This is often the result of bad graphics drivers. Would you like to share your
setup?

My laptop has that ACPI bug (in that the BIOS enables ACPI on peripherals and
reports they don't support it back to the OS which then makes terrible
decisions). I had to change my screensaver to a non-3D one to prevent the
machine from seizing when entering low-power mode.

------
smoyer
Rats! And I just built a desktop on steroids so that I could run all the VMs I
wanted. Apparently I don't need a PC, I need eight of them ...

------
Sandman
PCs are definitely not going to disappear, but most of the people that don't
have a professional need for them will no longer have them in the future.

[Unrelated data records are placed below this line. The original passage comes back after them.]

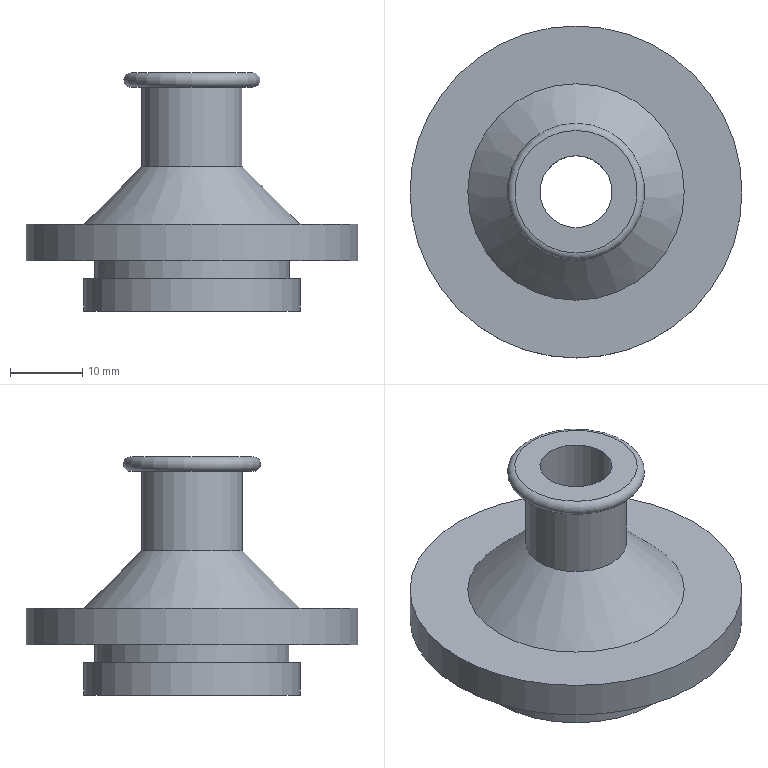Component | NX | LAMP_SOCKET | 1 solid | 15 faces | box 46 x 46 x 33 mm | volume 12206 mm3 | plane 7 | cylinder 6 | torus 1 | cone 1 | commonest cylinder face diameters 20 x1 10 x1 14 x1 46 x1 27 x1 30 x1
STEP:
#1=CARTESIAN_POINT('',(0.,0.,0.));
#2=DIRECTION('',(0.,0.,1.));
#3=DIRECTION('',(1.,0.,0.));
#4=AXIS2_PLACEMENT_3D('',#1,#2,#3);
#5=CARTESIAN_POINT('',(40.,-34.,89.));
#6=VERTEX_POINT('',#5);
#7=CARTESIAN_POINT('',(40.,-44.,89.));
#8=DIRECTION('',(0.,0.,-1.));
#9=DIRECTION('',(0.,1.,0.));
#10=AXIS2_PLACEMENT_3D('',#7,#8,#9);
#11=CIRCLE('',#10,10.);
#12=CARTESIAN_POINT('',(40.,-59.,89.));
#13=DIRECTION('',(0.,0.,1.));
#14=DIRECTION('',(0.,-1.,0.));
#15=AXIS2_PLACEMENT_3D('',#12,#13,#14);
#16=PLANE('',#15);
#17=CARTESIAN_POINT('',(-25.,0.));
#18=CARTESIAN_POINT('',(-25.,17.321));
#19=CARTESIAN_POINT('',(-10.,8.66));
#20=CARTESIAN_POINT('',(5.,0.));
#21=CARTESIAN_POINT('',(-10.,-8.66));
#22=CARTESIAN_POINT('',(-25.,-17.321));
#23=CARTESIAN_POINT('',(-25.,0.));
#24=(BOUNDED_CURVE()B_SPLINE_CURVE(2,(#17,#18,#19,#20,#21,#22,#23),.UNSPECIFIED.,.T.,.F.)B_SPLINE_CURVE_WITH_KNOTS((1,2,2,2,2,1),(-2.094,0.,2.094,4.189,6.283,8.378),.UNSPECIFIED.)CURVE()GEOMETRIC_REPRESENTATION_ITEM()RATIONAL_B_SPLINE_CURVE((1.,0.5,1.,0.5,1.,0.5,1.))REPRESENTATION_ITEM(''));
#25=(GEOMETRIC_REPRESENTATION_CONTEXT(2)PARAMETRIC_REPRESENTATION_CONTEXT()REPRESENTATION_CONTEXT('',''));
#26=DEFINITIONAL_REPRESENTATION('',(#24),#25);
#27=PCURVE('',#16,#26);
#28=CARTESIAN_POINT('',(40.,-44.,89.));
#29=DIRECTION('',(0.,0.,-1.));
#30=DIRECTION('',(0.,1.,0.));
#31=AXIS2_PLACEMENT_3D('',#28,#29,#30);
#32=CYLINDRICAL_SURFACE('',#31,10.);
#33=CARTESIAN_POINT('',(0.,0.));
#34=DIRECTION('',(1.,0.));
#35=VECTOR('',#34,1.);
#36=LINE('',#33,#35);
#37=(GEOMETRIC_REPRESENTATION_CONTEXT(2)PARAMETRIC_REPRESENTATION_CONTEXT()REPRESENTATION_CONTEXT('',''));
#38=DEFINITIONAL_REPRESENTATION('',(#36),#37);
#39=PCURVE('',#32,#38);
#40=SURFACE_CURVE('',#11,(#27,#39),.PCURVE_S1.);
#41=EDGE_CURVE('',#6,#6,#40,.T.);
#42=ORIENTED_EDGE('',*,*,#41,.F.);
#43=EDGE_LOOP('',(#42));
#44=FACE_BOUND('',#43,.T.);
#45=CARTESIAN_POINT('',(40.,-29.,89.));
#46=VERTEX_POINT('',#45);
#47=CARTESIAN_POINT('',(40.,-44.,89.));
#48=DIRECTION('',(0.,0.,-1.));
#49=DIRECTION('',(0.,1.,0.));
#50=AXIS2_PLACEMENT_3D('',#47,#48,#49);
#51=CIRCLE('',#50,15.);
#52=CARTESIAN_POINT('',(-30.,0.));
#53=CARTESIAN_POINT('',(-30.,25.981));
#54=CARTESIAN_POINT('',(-7.5,12.99));
#55=CARTESIAN_POINT('',(15.,0.));
#56=CARTESIAN_POINT('',(-7.5,-12.99));
#57=CARTESIAN_POINT('',(-30.,-25.981));
#58=CARTESIAN_POINT('',(-30.,0.));
#59=(BOUNDED_CURVE()B_SPLINE_CURVE(2,(#52,#53,#54,#55,#56,#57,#58),.UNSPECIFIED.,.T.,.F.)B_SPLINE_CURVE_WITH_KNOTS((1,2,2,2,2,1),(-2.094,0.,2.094,4.189,6.283,8.378),.UNSPECIFIED.)CURVE()GEOMETRIC_REPRESENTATION_ITEM()RATIONAL_B_SPLINE_CURVE((1.,0.5,1.,0.5,1.,0.5,1.))REPRESENTATION_ITEM(''));
#60=(GEOMETRIC_REPRESENTATION_CONTEXT(2)PARAMETRIC_REPRESENTATION_CONTEXT()REPRESENTATION_CONTEXT('',''));
#61=DEFINITIONAL_REPRESENTATION('',(#59),#60);
#62=PCURVE('',#16,#61);
#63=CARTESIAN_POINT('',(40.,-44.,89.));
#64=DIRECTION('',(0.,0.,-1.));
#65=DIRECTION('',(0.,1.,0.));
#66=AXIS2_PLACEMENT_3D('',#63,#64,#65);
#67=CYLINDRICAL_SURFACE('',#66,15.);
#68=CARTESIAN_POINT('',(0.,0.));
#69=DIRECTION('',(1.,0.));
#70=VECTOR('',#69,1.);
#71=LINE('',#68,#70);
#72=(GEOMETRIC_REPRESENTATION_CONTEXT(2)PARAMETRIC_REPRESENTATION_CONTEXT()REPRESENTATION_CONTEXT('',''));
#73=DEFINITIONAL_REPRESENTATION('',(#71),#72);
#74=PCURVE('',#67,#73);
#75=SURFACE_CURVE('',#51,(#62,#74),.PCURVE_S1.);
#76=EDGE_CURVE('',#46,#46,#75,.T.);
#77=ORIENTED_EDGE('',*,*,#76,.T.);
#78=EDGE_LOOP('',(#77));
#79=FACE_BOUND('',#78,.T.);
#80=ADVANCED_FACE('',(#44,#79),#16,.F.);
#81=CARTESIAN_POINT('',(40.,-34.,104.));
#82=VERTEX_POINT('',#81);
#83=CARTESIAN_POINT('',(40.,-44.,104.));
#84=DIRECTION('',(0.,0.,-1.));
#85=DIRECTION('',(0.,1.,0.));
#86=AXIS2_PLACEMENT_3D('',#83,#84,#85);
#87=CIRCLE('',#86,10.);
#88=CARTESIAN_POINT('',(0.,-15.));
#89=DIRECTION('',(1.,0.));
#90=VECTOR('',#89,1.);
#91=LINE('',#88,#90);
#92=(GEOMETRIC_REPRESENTATION_CONTEXT(2)PARAMETRIC_REPRESENTATION_CONTEXT()REPRESENTATION_CONTEXT('',''));
#93=DEFINITIONAL_REPRESENTATION('',(#91),#92);
#94=PCURVE('',#32,#93);
#95=CARTESIAN_POINT('',(40.,-54.,104.));
#96=DIRECTION('',(0.,0.,1.));
#97=DIRECTION('',(0.,-1.,0.));
#98=AXIS2_PLACEMENT_3D('',#95,#96,#97);
#99=PLANE('',#98);
#100=CARTESIAN_POINT('',(-20.,0.));
#101=CARTESIAN_POINT('',(-20.,17.321));
#102=CARTESIAN_POINT('',(-5.,8.66));
#103=CARTESIAN_POINT('',(10.,0.));
#104=CARTESIAN_POINT('',(-5.,-8.66));
#105=CARTESIAN_POINT('',(-20.,-17.321));
#106=CARTESIAN_POINT('',(-20.,0.));
#107=(BOUNDED_CURVE()B_SPLINE_CURVE(2,(#100,#101,#102,#103,#104,#105,#106),.UNSPECIFIED.,.T.,.F.)B_SPLINE_CURVE_WITH_KNOTS((1,2,2,2,2,1),(-2.094,0.,2.094,4.189,6.283,8.378),.UNSPECIFIED.)CURVE()GEOMETRIC_REPRESENTATION_ITEM()RATIONAL_B_SPLINE_CURVE((1.,0.5,1.,0.5,1.,0.5,1.))REPRESENTATION_ITEM(''));
#108=(GEOMETRIC_REPRESENTATION_CONTEXT(2)PARAMETRIC_REPRESENTATION_CONTEXT()REPRESENTATION_CONTEXT('',''));
#109=DEFINITIONAL_REPRESENTATION('',(#107),#108);
#110=PCURVE('',#99,#109);
#111=SURFACE_CURVE('',#87,(#94,#110),.PCURVE_S1.);
#112=EDGE_CURVE('',#82,#82,#111,.T.);
#113=ORIENTED_EDGE('',*,*,#112,.T.);
#114=CARTESIAN_POINT('',(40.,-34.,104.));
#115=CARTESIAN_POINT('',(40.,-34.,89.));
#116=B_SPLINE_CURVE_WITH_KNOTS('',1,(#114,#115),.UNSPECIFIED.,.F.,.F.,(2,2),(-15.,0.),.PIECEWISE_BEZIER_KNOTS.);
#117=CARTESIAN_POINT('',(6.283,0.));
#118=DIRECTION('',(0.,1.));
#119=VECTOR('',#118,1.);
#120=LINE('',#117,#119);
#121=(GEOMETRIC_REPRESENTATION_CONTEXT(2)PARAMETRIC_REPRESENTATION_CONTEXT()REPRESENTATION_CONTEXT('',''));
#122=DEFINITIONAL_REPRESENTATION('',(#120),#121);
#123=PCURVE('',#32,#122);
#124=CARTESIAN_POINT('',(0.,0.));
#125=DIRECTION('',(0.,1.));
#126=VECTOR('',#125,1.);
#127=LINE('',#124,#126);
#128=(GEOMETRIC_REPRESENTATION_CONTEXT(2)PARAMETRIC_REPRESENTATION_CONTEXT()REPRESENTATION_CONTEXT('',''));
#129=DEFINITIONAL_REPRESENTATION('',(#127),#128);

This is because the majority of the population (that is, everybody except
geeks, developers and other people that use PCs for work) don't really need a
PC. It's just that, until now, there were no devices other than PCs that would
give them everything they wanted - the ability to communicate, play games,
watch videos, listen to music, surf the web, read mail etc. - all in one
package.

Now, as smartphones and tablets get more and more powerful, it's very likely
that people will sooner or later abandon their PCs in favour of devices that
offer those same features at a lower price, and that are both simpler to use
and more portable than PCs.

PCs will survive, though. It's just that they'll no longer be used by average
consumers, but by professionals and enthusiasts.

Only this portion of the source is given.